You asked a lot of different questions there...let me see if I can break this apart and analyze it...
I think you are asking...
1. If NT's are called conceptualists, what are ST's called by title and code? 
- ST's are either called SP's or SJ's. SP's are typically improvisors and SJ's are typically traditionalists. So a T in that category would be a thinker along either traditional lines or through improv...stereotypically speaking.
2. What is the difference between NT's and SP's?
-Sterotypically, NT's are nerds and SP's are party animals...especially in high school.
3. What is the difference between NT's and SJ's?
-Sterotypically, NT's are nerds and SJ's are student leaders of some sort in high school.


----------



## Ectoplasm (May 2, 2010)

I am no T (and my knowledge of S is actually very limited) so take my response as you see fit, but it's partially due to the grouping structure of the S types. Whilst there is a group called "NT" and "NF" there is actually no group named "ST" for the S types are divided along the P/J line of judging and perceiving whilst the N types are divided along the irrational function line of T and F.

Basically, I think there is a far large difference between e.g ISTP and ISTJ than there is between INTP and INTJ. How the T's along the P/J line life their lives are very different, too different to type "ST" under one stereotypical view. When I think of a STP, the stereotypical image in my mind is of a mechanic or a plumber for instance. When I think of an STJ, the stereotypical image in my mind of someone in an office looking at their watch in dismay because you're a minute late. So the images I conceive are drastically different, whilst the stereotypical images of the NT types are in similar fields with only different approaches.

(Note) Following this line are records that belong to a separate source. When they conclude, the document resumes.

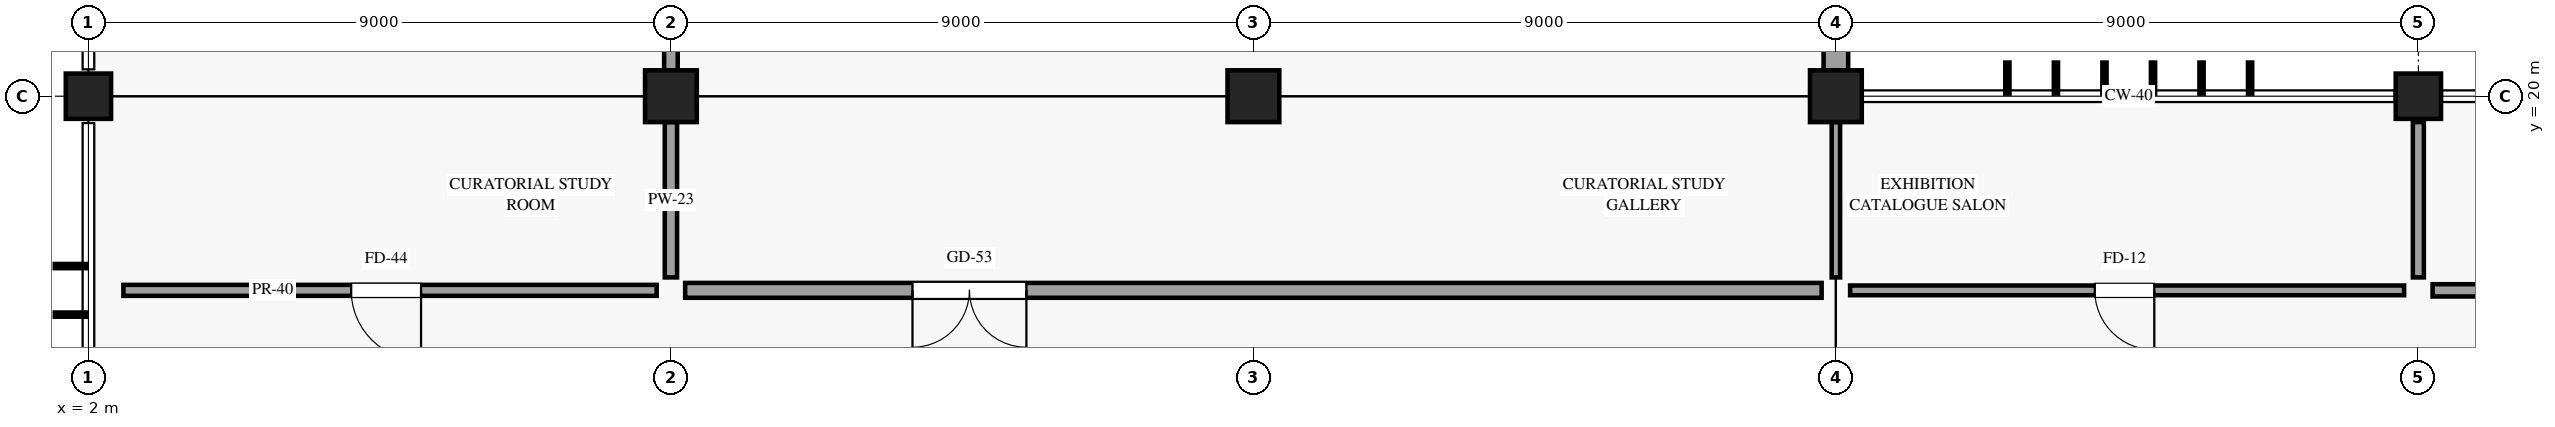
"""IFC4 building model, lengths in metres.
Left out: names, types, materials, properties, quantities, classifications, styles, units other than length and angle.
Written with IfcOpenShell. Run it as: python <this file> out.ifc"""

import sys

from ifc_helpers import new_model, si_unit, direction, frame, frame_2d, origin, origin_2d, place, context, subcontext, project, spatial, rectangle, circle, extrude, element, fill, save


model = new_model("IFC4")
c1 = context("Model", 3, precision=1e-05, world=origin(), true_north=direction((0.0, 1.0)))
c2 = subcontext(c1, "Body", "Model", "MODEL_VIEW")
j1 = project(units=[si_unit("LENGTHUNIT", "METRE"), si_unit("PLANEANGLEUNIT", "RADIAN")], contexts=[c1])
p1 = place(None, origin())
s1 = spatial("IfcSite", under=j1, at=p1, CompositionType="ELEMENT")
p2 = place(p1, origin())
s2 = spatial("IfcBuilding", under=s1, at=p2, CompositionType="ELEMENT")
p3 = place(p2, frame((0.0, 0.0, 5.4)))
s3 = spatial("IfcBuildingStorey", under=s2, at=p3, CompositionType="ELEMENT", Elevation=5.4)
p4 = place(p3, frame((2.0, 20.0, 0.0), z_axis=(0.0, 0.0, 1.0), x_axis=(1.0, 0.0, 0.0)))
e1 = element("IfcColumn", 1, at=p4, inside=s3, PredefinedType="COLUMN", context=c2, shape_type="SweptSolid", body=[
    extrude(rectangle(XDim=0.7, YDim=0.7, at=origin_2d()), origin(), (0.0, 0.0, 1.0), 4.8),
])
for number, where, z_axis, x_axis in (
    (2, (11.0, 20.0, 0.0), (0.0, 0.0, 1.0), (1.0, 0.0, 0.0)),
    (3, (20.0, 20.0, 0.0), (0.0, 0.0, 1.0), (1.0, 0.0, 0.0)),
    (4, (29.0, 20.0, 0.0), (0.0, 0.0, 1.0), (1.0, 0.0, 0.0)),
):
    element("IfcColumn", number, at=place(p3, frame(where, z_axis=z_axis, x_axis=x_axis)), inside=s3, PredefinedType="COLUMN", context=c2, shape_type="SweptSolid", body=[
        extrude(circle(Radius=0.4, at=origin_2d()), origin(), (0.0, 0.0, 1.0), 4.8),
    ])
p5 = place(p3, frame((38.0, 20.0, 0.0), z_axis=(0.0, 0.0, 1.0), x_axis=(1.0, 0.0, 0.0)))
e5 = element("IfcColumn", 5, at=p5, inside=s3, PredefinedType="COLUMN", context=c2, shape_type="SweptSolid", body=[
    extrude(rectangle(XDim=0.7, YDim=0.7, at=origin_2d()), origin(), (0.0, 0.0, 1.0), 4.8),
])
p6 = place(p3, frame((29.0, 20.4, 0.0), z_axis=(0.0, 0.0, 1.0), x_axis=(0.0, 1.0, 0.0)))
e6 = element("IfcWall", 6, at=p6, inside=s3, PredefinedType="STANDARD", context=c2, shape_type="SweptSolid", body=[
    extrude(rectangle(XDim=8.45, YDim=0.38, at=frame_2d((4.225, 0.0))), origin(), (0.0, 0.0, 1.0), 3.575),
])
p7 = place(p3, frame((2.54, 17.0, 0.0), z_axis=(0.0, 0.0, 1.0), x_axis=(1.0, 0.0, 0.0)))
e7 = element("IfcWall", 7, at=p7, inside=s3, PredefinedType="PARTITIONING", context=c2, shape_type="SweptSolid", body=[
    extrude(rectangle(XDim=8.24, YDim=0.17, at=frame_2d((4.12, 0.0))), origin(), (0.0, 0.0, 1.0), 3.575),
])
p8 = place(p7, frame((4.599, 0.0, 0.0), z_axis=(0.0, 0.0, 1.0), x_axis=(-1.0, 0.0, 0.0)))
e8 = element("IfcOpeningElement", 8, at=p8, cuts=e7, PredefinedType="OPENING", context=c2, shape_type="SweptSolid", body=[
    extrude(rectangle(XDim=1.08, YDim=2.24, at=frame_2d((0.54, 1.12))), frame((0.0, 0.095, 0.0), z_axis=(0.0, -1.0, 0.0), x_axis=(1.0, 0.0, 0.0)), (0.0, 0.0, 1.0), 0.19),
])
p9 = place(p3, frame((11.0, 17.2, 0.0), z_axis=(0.0, 0.0, 1.0), x_axis=(0.0, 1.0, 0.0)))
e9 = element("IfcWall", 9, at=p9, inside=s3, PredefinedType="PARTITIONING", context=c2, shape_type="SweptSolid", body=[
    extrude(rectangle(XDim=2.4, YDim=0.19, at=frame_2d((1.2, 0.0))), origin(), (0.0, 0.0, 1.0), 3.575),
])
p10 = place(p3, frame((11.0, 20.4, 0.0), z_axis=(0.0, 0.0, 1.0), x_axis=(0.0, 1.0, 0.0)))
e10 = element("IfcWall", 10, at=p10, inside=s3, PredefinedType="PARTITIONING", context=c2, shape_type="SweptSolid", body=[
    extrude(rectangle(XDim=8.4, YDim=0.21, at=frame_2d((4.2, 0.0))), origin(), (0.0, 0.0, 1.0), 3.575),
])
p11 = place(p3, frame((11.22, 17.0, 0.0), z_axis=(0.0, 0.0, 1.0), x_axis=(1.0, 0.0, 0.0)))
e11 = element("IfcWall", 11, at=p11, inside=s3, PredefinedType="PARTITIONING", context=c2, shape_type="SweptSolid", body=[
    extrude(rectangle(XDim=17.56, YDim=0.23, at=frame_2d((8.78, 0.0))), origin(), (0.0, 0.0, 1.0), 3.575),
])
p12 = place(p11, frame((5.272, 0.0, 0.0), z_axis=(0.0, 0.0, 1.0), x_axis=(-1.0, 0.0, 0.0)))
e12 = element("IfcOpeningElement", 12, at=p12, cuts=e11, PredefinedType="OPENING", context=c2, shape_type="SweptSolid", body=[
    extrude(rectangle(XDim=1.76, YDim=2.45, at=frame_2d((0.88, 1.225))), frame((0.0, 0.125, 0.0), z_axis=(0.0, -1.0, 0.0), x_axis=(1.0, 0.0, 0.0)), (0.0, 0.0, 1.0), 0.25),
])
p13 = place(p3, frame((29.0, 17.2, 0.0), z_axis=(0.0, 0.0, 1.0), x_axis=(0.0, 1.0, 0.0)))
e13 = element("IfcWall", 13, at=p13, inside=s3, PredefinedType="PARTITIONING", context=c2, shape_type="SweptSolid", body=[
    extrude(rectangle(XDim=2.4, YDim=0.13, at=frame_2d((1.2, 0.0))), origin(), (0.0, 0.0, 1.0), 3.575),
])
p14 = place(p3, frame((29.22, 17.0, 0.0), z_axis=(0.0, 0.0, 1.0), x_axis=(1.0, 0.0, 0.0)))
e14 = element("IfcWall", 14, at=p14, inside=s3, PredefinedType="PARTITIONING", context=c2, shape_type="SweptSolid", body=[
    extrude(rectangle(XDim=8.56, YDim=0.15, at=frame_2d((4.28, 0.0))), origin(), (0.0, 0.0, 1.0), 3.575),
])
p15 = place(p14, frame((4.7, 0.0, 0.0), z_axis=(0.0, 0.0, 1.0), x_axis=(-1.0, 0.0, 0.0)))
e15 = element("IfcOpeningElement", 15, at=p15, cuts=e14, PredefinedType="OPENING", context=c2, shape_type="SweptSolid", body=[
    extrude(rectangle(XDim=0.92, YDim=2.12, at=frame_2d((0.46, 1.06))), frame((0.0, 0.085, 0.0), z_axis=(0.0, -1.0, 0.0), x_axis=(1.0, 0.0, 0.0)), (0.0, 0.0, 1.0), 0.17),
])
p16 = place(p3, frame((38.0, 17.2, 0.0), z_axis=(0.0, 0.0, 1.0), x_axis=(0.0, 1.0, 0.0)))
e16 = element("IfcWall", 16, at=p16, inside=s3, PredefinedType="PARTITIONING", context=c2, shape_type="SweptSolid", body=[
    extrude(rectangle(XDim=2.4, YDim=0.17, at=frame_2d((1.2, 0.0))), origin(), (0.0, 0.0, 1.0), 3.575),
])
p17 = place(p3, frame((38.22, 17.0, 0.0), z_axis=(0.0, 0.0, 1.0), x_axis=(1.0, 0.0, 0.0)))
e17 = element("IfcWall", 17, at=p17, inside=s3, PredefinedType="PARTITIONING", context=c2, shape_type="SweptSolid", body=[
    extrude(rectangle(XDim=17.56, YDim=0.19, at=frame_2d((8.78, 0.0))), origin(), (0.0, 0.0, 1.0), 3.175),
])
p18 = place(p17, frame((13.806, 0.0, 0.0), z_axis=(0.0, 0.0, 1.0), x_axis=(-1.0, 0.0, 0.0)))
e18 = element("IfcOpeningElement", 18, at=p18, cuts=e17, PredefinedType="OPENING", context=c2, shape_type="SweptSolid", body=[
    extrude(rectangle(XDim=0.98, YDim=2.18, at=frame_2d((0.49, 1.09))), frame((0.0, 0.105, 0.0), z_axis=(0.0, -1.0, 0.0), x_axis=(1.0, 0.0, 0.0)), (0.0, 0.0, 1.0), 0.21),
])
p19 = place(p8, origin())
e19 = element("IfcDoor", 19, at=p19, inside=s3, OperationType="SINGLE_SWING_LEFT", PredefinedType="DOOR", context=c2, shape_type="SweptSolid", body=[
    extrude(rectangle(XDim=1.08, YDim=2.24, at=frame_2d((0.54, 1.12))), frame((0.0, 0.025, 0.0), z_axis=(0.0, -1.0, 0.0), x_axis=(1.0, 0.0, 0.0)), (0.0, 0.0, 1.0), 0.05),
])
fill(e8, e19)
p20 = place(p12, origin())
e20 = element("IfcDoor", 20, at=p20, inside=s3, OperationType="DOUBLE_DOOR_SINGLE_SWING", PredefinedType="DOOR", context=c2, shape_type="SweptSolid", body=[
    extrude(rectangle(XDim=1.76, YDim=2.45, at=frame_2d((0.88, 1.225))), frame((0.0, 0.025, 0.0), z_axis=(0.0, -1.0, 0.0), x_axis=(1.0, 0.0, 0.0)), (0.0, 0.0, 1.0), 0.05),
])
fill(e12, e20)
p21 = place(p15, origin())
e21 = element("IfcDoor", 21, at=p21, inside=s3, OperationType="SINGLE_SWING_LEFT", PredefinedType="DOOR", context=c2, shape_type="SweptSolid", body=[
    extrude(rectangle(XDim=0.92, YDim=2.12, at=frame_2d((0.46, 1.06))), frame((0.0, 0.025, 0.0), z_axis=(0.0, -1.0, 0.0), x_axis=(1.0, 0.0, 0.0)), (0.0, 0.0, 1.0), 0.05),
])
fill(e15, e21)
save(model, sys.argv[1])

But as I said, my knowledge of the S is limited and my argument is full of generalisations, assumptions and perhaps flawed logic.


----------



## purplevelvetmask (Feb 20, 2010)

punky16 said:


> You asked a lot of different questions there...let me see if I can break this apart and analyze it...
> I think you are asking...
> 1. If NT's are called conceptualists, what are ST's called by title and code?
> - ST's are either called SP's or SJ's. SP's are typically improvisors and SJ's are typically traditionalists. So a T in that category would be a thinker along either traditional lines or through improv...stereotypically speaking.
> ...


Um... ok so NT's are nerds then eh? lol

You are an ENTP yourself, i never saw ENTP's as nerds. Isn't it more the INT's that are stereotypically the nerds??


----------



## TreeBob (Oct 11, 2008)

Why must you all keep comparing NT with SP or SJ? I guess part of the problem is this forum is enabling it with it's subforum naming convention (Keirsey). If you are ever going to do comparisons then please compare apples to apples. 

NP - SP
NJ - SJ

if you want thinkers only then:

NTP - STP
NTJ - STJ

There are big differences between the NT and ST dichotomies even if you aren't "seeing" it.


----------



## Ectoplasm (May 2, 2010)

TreeBob said:


> Why must you all keep comparing NT with SP or SJ? I guess part of the problem is this forum is enabling it with it's subforum naming convention (Keirsey). If you are ever going to do comparisons then please compare apples to apples.
> 
> NP - SP
> NJ - SJ
> ...


Ah sorry, you have a point there which I will try and remember. We were taught the way of thinking of lumping NFs and NTs as groups under a single stereotype from birth! I would say there are big differences between NXPs and NXJs too, though I think there is always more similarities between people and types than differences.


----------



## TreeBob (Oct 11, 2008)

Ectoplasm said:


> Ah sorry, you have a point there which I will try and remember. We were taught the way of thinking of lumping NFs and NTs as groups under a single stereotype from birth! I would say there are big differences between NXPs and NXJs too, though I think there is always more similarities between people and types than differences.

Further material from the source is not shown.